Written by Dr Tomislav Horvat, University of Zagreb, Croatia
Recently, I was reading about the phenomenon of genetic mosaicism and its implications for the development of human diseases. Generation of genetically distinct cells from a single zygote is caused by de novo mutational events, including large chromosomal alterations (whole-chromosome aneuploidy, segmental aneuploidy). In addition, advances in sequencing-based approaches demonstrated how mosaicism could as well arise following subtler rearrangements and substitutions at the level of a single nucleotide (Lupski 2013). By altering the cell’s transcriptional programme, these genetic aberrations can predispose cancer development, but are also found in numerous non-cancer diseases, notably dermatological diseases, where mosaicism is directly reflected in the patients’ phenotypic variation (Biesecker and Spinner 2013). However, one should not forget the existence of epigenetic modifications that superimpose the information written in our genes and thus modulate how this information is read. And these modifications come in numerous flavours, known for a long time to differentiate different cell types in an organism. Therefore, I believe the only true insight into phenotypic and physiological consequences of mosaicims requires studying both aspects simultaneously.
One wonders, how (if at all) does an “altered” cell deal with a chromosomal rearrangement? Can it recruit epigenetic means to somehow put the genetic alteration under control or attenuate its impact and arousal of unscheduled changes leading to disease? I was happy to come across a study where the authors show how trisomy 8-positive fibroblasts display a characteristic expression and methylation phenotype distinct from disomic fibroblasts from the same patient (Davidsson 2013). But, regardless of the reported massive changes, increased DNA hypomethylation of gene-poor regions on the gained chromosome – potentially as part of the heterochromatinization process reminiscent of inactivated X-chromosome in females – might argue in favor of a defense mechanism activated to restrain the unfavorable state. So, it made me wonder whether using drugs that target epigenetic modifications (histone deacetylase and DNA methylation inhibitors) or modern gene manipulation tools targeting a specific gene, region and even potentially a nucleotide (e.g. TALENs) could aid preventing the negative impacts of genetic rearrangements. Of course, the drug specificity and the magnitude of a chromosomal rearrangement still seem to be the limiting factors. Targeting only the affected cells poses an additional layer of complexity.

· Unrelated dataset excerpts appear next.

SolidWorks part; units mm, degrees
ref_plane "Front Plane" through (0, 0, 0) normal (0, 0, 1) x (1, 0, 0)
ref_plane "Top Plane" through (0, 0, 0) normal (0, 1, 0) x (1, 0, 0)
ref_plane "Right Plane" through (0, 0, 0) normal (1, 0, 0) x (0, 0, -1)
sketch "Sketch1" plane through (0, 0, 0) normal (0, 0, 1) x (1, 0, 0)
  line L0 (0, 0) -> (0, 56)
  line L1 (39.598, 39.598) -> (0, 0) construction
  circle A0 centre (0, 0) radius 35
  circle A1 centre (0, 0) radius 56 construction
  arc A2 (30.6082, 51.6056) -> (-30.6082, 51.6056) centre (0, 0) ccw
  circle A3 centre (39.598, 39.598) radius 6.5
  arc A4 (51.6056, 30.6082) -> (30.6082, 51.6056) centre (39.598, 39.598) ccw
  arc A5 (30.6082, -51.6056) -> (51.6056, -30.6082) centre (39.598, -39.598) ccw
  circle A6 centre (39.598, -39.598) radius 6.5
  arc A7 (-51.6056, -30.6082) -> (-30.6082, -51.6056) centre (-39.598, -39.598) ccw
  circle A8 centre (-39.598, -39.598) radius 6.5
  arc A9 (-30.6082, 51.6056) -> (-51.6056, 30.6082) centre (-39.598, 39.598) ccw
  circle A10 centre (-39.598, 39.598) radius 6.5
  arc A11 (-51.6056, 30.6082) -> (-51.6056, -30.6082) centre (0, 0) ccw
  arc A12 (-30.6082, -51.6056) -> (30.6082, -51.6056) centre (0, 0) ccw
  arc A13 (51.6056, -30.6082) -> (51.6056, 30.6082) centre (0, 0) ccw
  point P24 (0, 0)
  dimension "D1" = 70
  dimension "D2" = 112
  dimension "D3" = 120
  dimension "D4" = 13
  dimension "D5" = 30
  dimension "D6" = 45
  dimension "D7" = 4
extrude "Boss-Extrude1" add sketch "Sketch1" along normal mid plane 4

But, there is one other mosaicism-related issue that preoccupies my mind. Is there such a phenomenon as “epigenetic mosaicism”? Interestingly, searching Google does not take me far… This type of mosaicism would constitute an imaginary scenario wherein two genetically identical cells of the same cell type have different expression profiles, solely due to different epigenetic profiles. We know epigenetic alterations are equally important in cancer development, but can they be a sole driver of phenotypic variability in between cells of the same type, leading to mosaicism or disease/cancer? Or, rather, are genetic changes the ones that preferentially mess things up, followed further by epigenetic alterations that help to maintain and/or propagate an unfavourable condition?
When observing various tissue sections under the microscope, cells of the same type can assume various positions in regard to the blood supply and local microenvironment (other cell types). Therefore, it seems legitimate to think they might be physiologically “slightly” different, with “slightly” different expression profiles defined by “slightly” different epigenetic patterns. Would this constitute mosaicism as well – phenotypically harder to observe and with no, or, in the worst case scenario, less pronounced consequences on human health? More importantly, do we need to redefine the number of cell types that inhabit our body, taking into account epigenetic profiles that even in morphologically and physiologically identical cells might differ? What benefits would this new “cell systematics” bring, understanding that what was until recently considered a homogenous cell population, would suddenly become a highly diverse population of cells. Do we even have technical and methodological means to study this properly?
Still, none of this should be taken too seriously… these are just thoughts of an ordinary postdoc who still has a lot to learn…
Lupski, J.R. (2013). Genome mosaicism–one human, multiple genomes. Science 341, 358-359.
Biesecker, L.G., Spinner, N.B. (2013). A genomic view of mosaicism and human disease. Nature Reviews Genetics. 14, 307-320.
Davidsson, J., Veerla, S., Johansson, B. (2013). Constitutional trisomy 8 mosaicism as a model for epigenetic studies of aneuploidy. Epigenetics Chromatin. 6: 18.